Food · Cuisines
Northern Chinese cooking (Beijing / Shandong fusion)
What it is
'Northern Chinese cuisine' is not one of the eight canonical regional cuisines, but it's a useful umbrella for the cooking of the wheat-belt north — Beijing, Tianjin, Shandong, Hebei, Shanxi, parts of Henan. Strong overlap with Lu (Shandong) cuisine, with Manchurian and Mongolian influences in Beijing's imperial-era kitchens.
Pillars: - **Wheat staples** — noodles, dumplings, mantou (steamed bread), pancakes. - **Lamb and beef** more than pork. - **Salt and clear broths** rather than chilli or fermented sauces. - **Vinegar** (Shanxi vinegar in particular) as a condiment.
Canonical dishes
- Peking duck (北京烤鸭) — the iconic dish; air-dried roast duck with thin pancakes, scallions, cucumber, sweet bean sauce.
- Beef noodle soup, northern style — clear broth, hand-pulled noodles, braised beef.
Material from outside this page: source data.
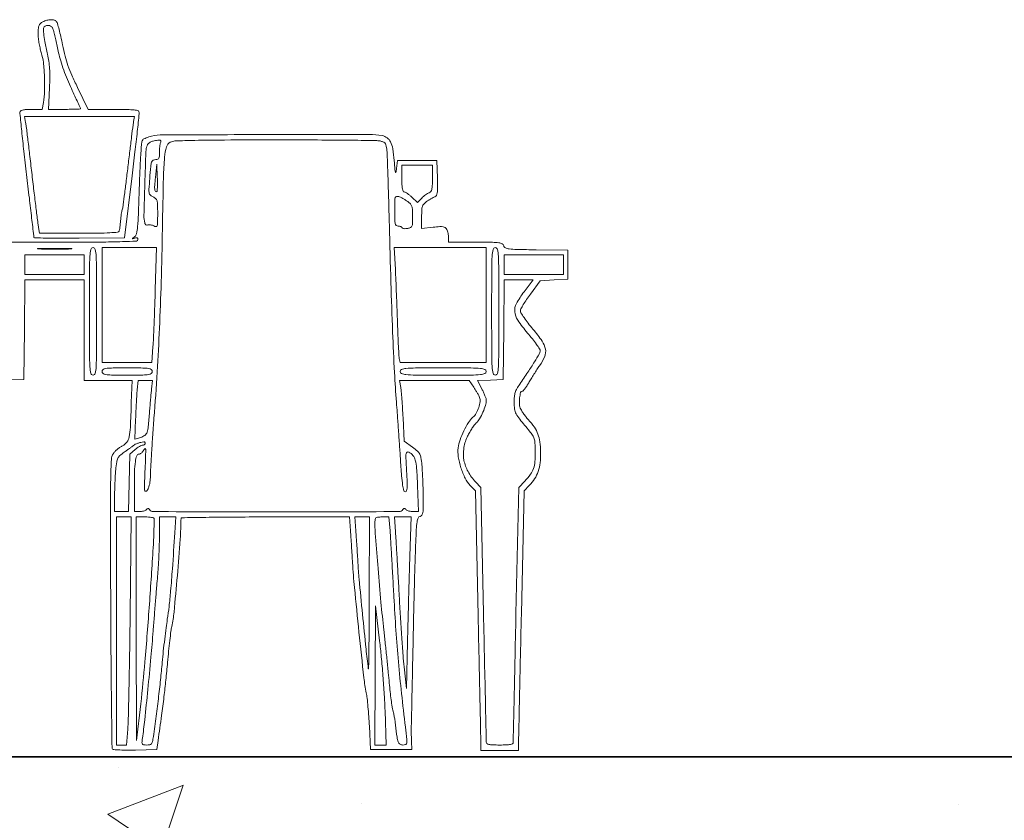
# Model space of a CAD drawing. Units: inches. Extents: x 2416 to 3391, y 1375 to 2496.
# Tile 8 of 13: x 3014 to 3044, y 2142 to 2166. Entities that reach past the tile are written whole.
import ezdxf

# ---------------------------------------------------------------- set-up
doc = ezdxf.new("R2010")
doc.units = ezdxf.units.IN
for name, color, linetype, lineweight in [('A-FLOR-PATT', 252, 'Continuous', 13), ('A-FURN', 8, 'Continuous', 18), ('A-SECT', 7, 'Continuous', 35)]:
    doc.layers.add(name, color=color, linetype=linetype, lineweight=lineweight)

msp = doc.modelspace()

# ---------------------------------------------------------------- hatches: boundary and pattern name
at = {"layer": 'A-FLOR-PATT'}
h = msp.add_hatch(dxfattribs=at)
h.set_pattern_fill('AR-CONC', color=256, scale=0.13, style=0)
h.paths.add_polyline_path([(2904.1924, 2125.8608), (3202.6924, 2125.8608), (3202.6924, 2143.8608), (2904.1924, 2143.8608)])

# ---------------------------------------------------------------- linework, layer by layer
at = {"layer": 'A-FURN'}
for points in [[(3014.6302, 2166.3653, 0.062101), (3014.5576, 2166.3165, 0.115801), (3014.5165, 2166.2593, 0.077294), (3014.4957, 2166.174, 0.016831), (3014.488, 2166.0225, 0.029474), (3014.4933, 2165.8947, 0.01481), (3014.5143, 2165.7345, 0.014652), (3014.5459, 2165.5696, 0.021013), (3014.5842, 2165.4259, -0.046916), (3014.6482, 2165.1238, -0.018058), (3014.6821, 2164.696, -0.01826), (3014.6849, 2164.2529, -0.033407), (3014.6499, 2163.8934), (3014.6158, 2163.6872), (3014.2913, 2163.6872, 0.014838), (3014.1492, 2163.683, 0.034143), (3014.0431, 2163.6694, 0.045195), (3013.9703, 2163.6479, 0.209973), (3013.9401, 2163.6175, 0.116556), (3013.9326, 2163.5615, 0.000649), (3013.9862, 2163.0221, 0.002747), (3014.0516, 2162.4062, 0.001736), (3014.1343, 2161.6884, -0.000302), (3014.219, 2160.9718, -0.000484), (3014.2903, 2160.36, -0.00008), (3014.3529, 2159.8181, -0.028704), (3014.3552, 2159.7776, 0.404392), (3014.3769, 2159.7552, 0.001815), (3014.7367, 2159.7444, 0.00627), (3015.1761, 2159.7383, 0.002975), (3015.7423, 2159.741), (3017.1294, 2159.7557), (3017.366, 2161.6502, 0.001761), (3017.4547, 2162.3815, 0.002787), (3017.5251, 2163.0091, 0.00066), (3017.5828, 2163.5587, 0.117999), (3017.5753, 2163.616, 0.260793), (3017.5322, 2163.6518, 0.023463), (3017.388, 2163.6717, 0.018121), (3017.1613, 2163.6839, 0.00441), (3016.7867, 2163.6872), (3016.0255, 2163.6872), (3015.6938, 2164.3608, -0.009259), (3015.5181, 2164.735, -0.020813), (3015.4021, 2165.0264, -0.022433), (3015.3159, 2165.3126, -0.012613), (3015.2358, 2165.6667, 0.005681), (3015.1835, 2165.914, 0.007954), (3015.1308, 2166.1335, 0.00512), (3015.0819, 2166.3158, 0.098688), (3015.0556, 2166.3678, 0.147434), (3014.9862, 2166.4165, 0.081537), (3014.8831, 2166.4329, 0.066769), (3014.7594, 2166.4155, 0.049048)], [(3014.9677, 2166.0788, -0.002772), (3014.9895, 2165.9854, -0.000537), (3015.0278, 2165.8163, -0.000571), (3015.072, 2165.619, -0.000528), (3015.117, 2165.4164, 0.019587), (3015.1803, 2165.1751, 0.01148), (3015.274, 2164.8914, 0.011132), (3015.386, 2164.5972, 0.012912), (3015.5059, 2164.3227, -0.001196), (3015.6129, 2164.0929, -0.001914), (3015.703, 2163.8961, -0.000347), (3015.7817, 2163.722, -0.1064), (3015.7849, 2163.707, -0.400461), (3015.7772, 2163.699, -0.00162), (3015.6418, 2163.693, -0.006359), (3015.4846, 2163.6886, -0.003817), (3015.2979, 2163.6872), (3014.8109, 2163.6872), (3014.8378, 2164.3414, 0.008389), (3014.8458, 2164.6704, 0.016295), (3014.8393, 2164.9332, 0.019582), (3014.8174, 2165.1589, 0.022353), (3014.7784, 2165.3724, -0.007236), (3014.6949, 2165.7627, -0.026165), (3014.6584, 2166.0142, -0.038745), (3014.6561, 2166.1759, -0.286498), (3014.699, 2166.2358, -0.083407), (3014.7937, 2166.2575, -0.147957), (3014.8708, 2166.239, -0.136318), (3014.929, 2166.1791, -0.066322)], [(3017.4133, 2163.316, 0.016785), (3017.3961, 2163.2107, 0.000753), (3017.3495, 2162.8458, 0.001264), (3017.296, 2162.4126, 0.000904), (3017.2383, 2161.9276, -0.001537), (3017.1805, 2161.4475, -0.002318), (3017.1269, 2161.0296, -0.000902), (3017.0786, 2160.6711, -0.054242), (3017.0629, 2160.608, 0.04182), (3017.0499, 2160.561, 0.008846), (3017.0357, 2160.477, 0.009204), (3017.0227, 2160.3788, 0.00862), (3017.013, 2160.278, -0.007229), (3017.0037, 2160.1783, -0.008244), (3016.9918, 2160.0831, -0.007575), (3016.9792, 2160.0028, -0.045269), (3016.9683, 2159.9619, -0.287901), (3016.9218, 2159.9259, -0.010483), (3016.6886, 2159.908, -0.011347), (3016.3351, 2159.8962, -0.002603), (3015.7378, 2159.8931), (3014.5324, 2159.8931), (3014.5, 2160.0718, -0.01368), (3014.481, 2160.1958, -0.000634), (3014.4284, 2160.618, -0.001051), (3014.3678, 2161.1195, -0.000754), (3014.3021, 2161.6802, 0.000637), (3014.2364, 2162.2409, 0.000888), (3014.1762, 2162.7424, 0.000535), (3014.1242, 2163.1647, 0.011573), (3014.106, 2163.2886), (3014.0753, 2163.4673), (3015.7593, 2163.4673), (3017.4432, 2163.4673)], [(3024.9595, 2162.7183, -0.041596), (3025.0477, 2162.6929, -0.109367), (3025.1024, 2162.657, -0.109052), (3025.1368, 2162.6013, -0.041219), (3025.16, 2162.5121, -0.033548), (3025.1735, 2162.3846, -0.000693), (3025.1969, 2161.7445, -0.00162), (3025.2208, 2160.9959, -0.001089), (3025.2435, 2160.1406, 0.001508), (3025.2916, 2158.3818, 0.00236), (3025.3448, 2156.869, 0.002712), (3025.4011, 2155.6246, 0.006937), (3025.4593, 2154.7244, -0.001348), (3025.4847, 2154.389, -0.000561), (3025.5174, 2153.9361, -0.000555), (3025.5512, 2153.4511, -0.000719), (3025.5811, 2153.0061, 0.002808), (3025.62, 2152.4624, 0.016404), (3025.6514, 2152.1773, 0.024859), (3025.6838, 2152.0105, 0.345), (3025.7291, 2151.9751, 0.316573), (3025.7694, 2152.0034, 0.06895), (3025.7879, 2152.0914, 0.02766), (3025.7902, 2152.2605, 0.003877), (3025.773, 2152.6095, -0.002437), (3025.752, 2153.011, -0.039677), (3025.7563, 2153.1458, -0.244576), (3025.7858, 2153.1897, -0.253054), (3025.8378, 2153.1899, -0.098246), (3025.9659, 2153.0848, -0.107804), (3026.039, 2152.942, -0.048185), (3026.0788, 2152.6983, -0.006257), (3026.1067, 2152.1715), (3026.1392, 2151.3702), (3025.9768, 2151.3702, -0.033091), (3025.9103, 2151.3746, -0.032649), (3025.8446, 2151.3878, -0.034456), (3025.7888, 2151.407, -0.096488), (3025.7547, 2151.43, 0.047458), (3025.7247, 2151.4547, 0.150038), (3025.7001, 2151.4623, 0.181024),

- Lamb hot pot, Beijing-Mongolian style — clear broth, thinly sliced lamb, sesame dipping sauce.
- Boiled dumplings (水饺) — pork-and-cabbage, lamb-and-leek, vegetable.
- Zhajiangmian (炸酱面) — wheat noodles with fermented soybean paste and pork.
- Jianbing (煎饼) — savoury crepe; Tianjin and Shandong claim the original.
- Sliced/scissor-cut/cat's-ear noodles (Shanxi).
Where to eat
Beijing institutions: Quanjude (Peking duck), Bianyifang (older Peking duck house), Donglaishun (lamb hot pot). Outside Beijing, the northern style is most fully expressed in Tianjin, Jinan and Taiyuan.
Style notes
Less spicy and less sweet than southern cuisines. Pair with Yanjing or Tsingtao beer, Beijing erguotou (the local strong baijiu), or chrysanthemum tea.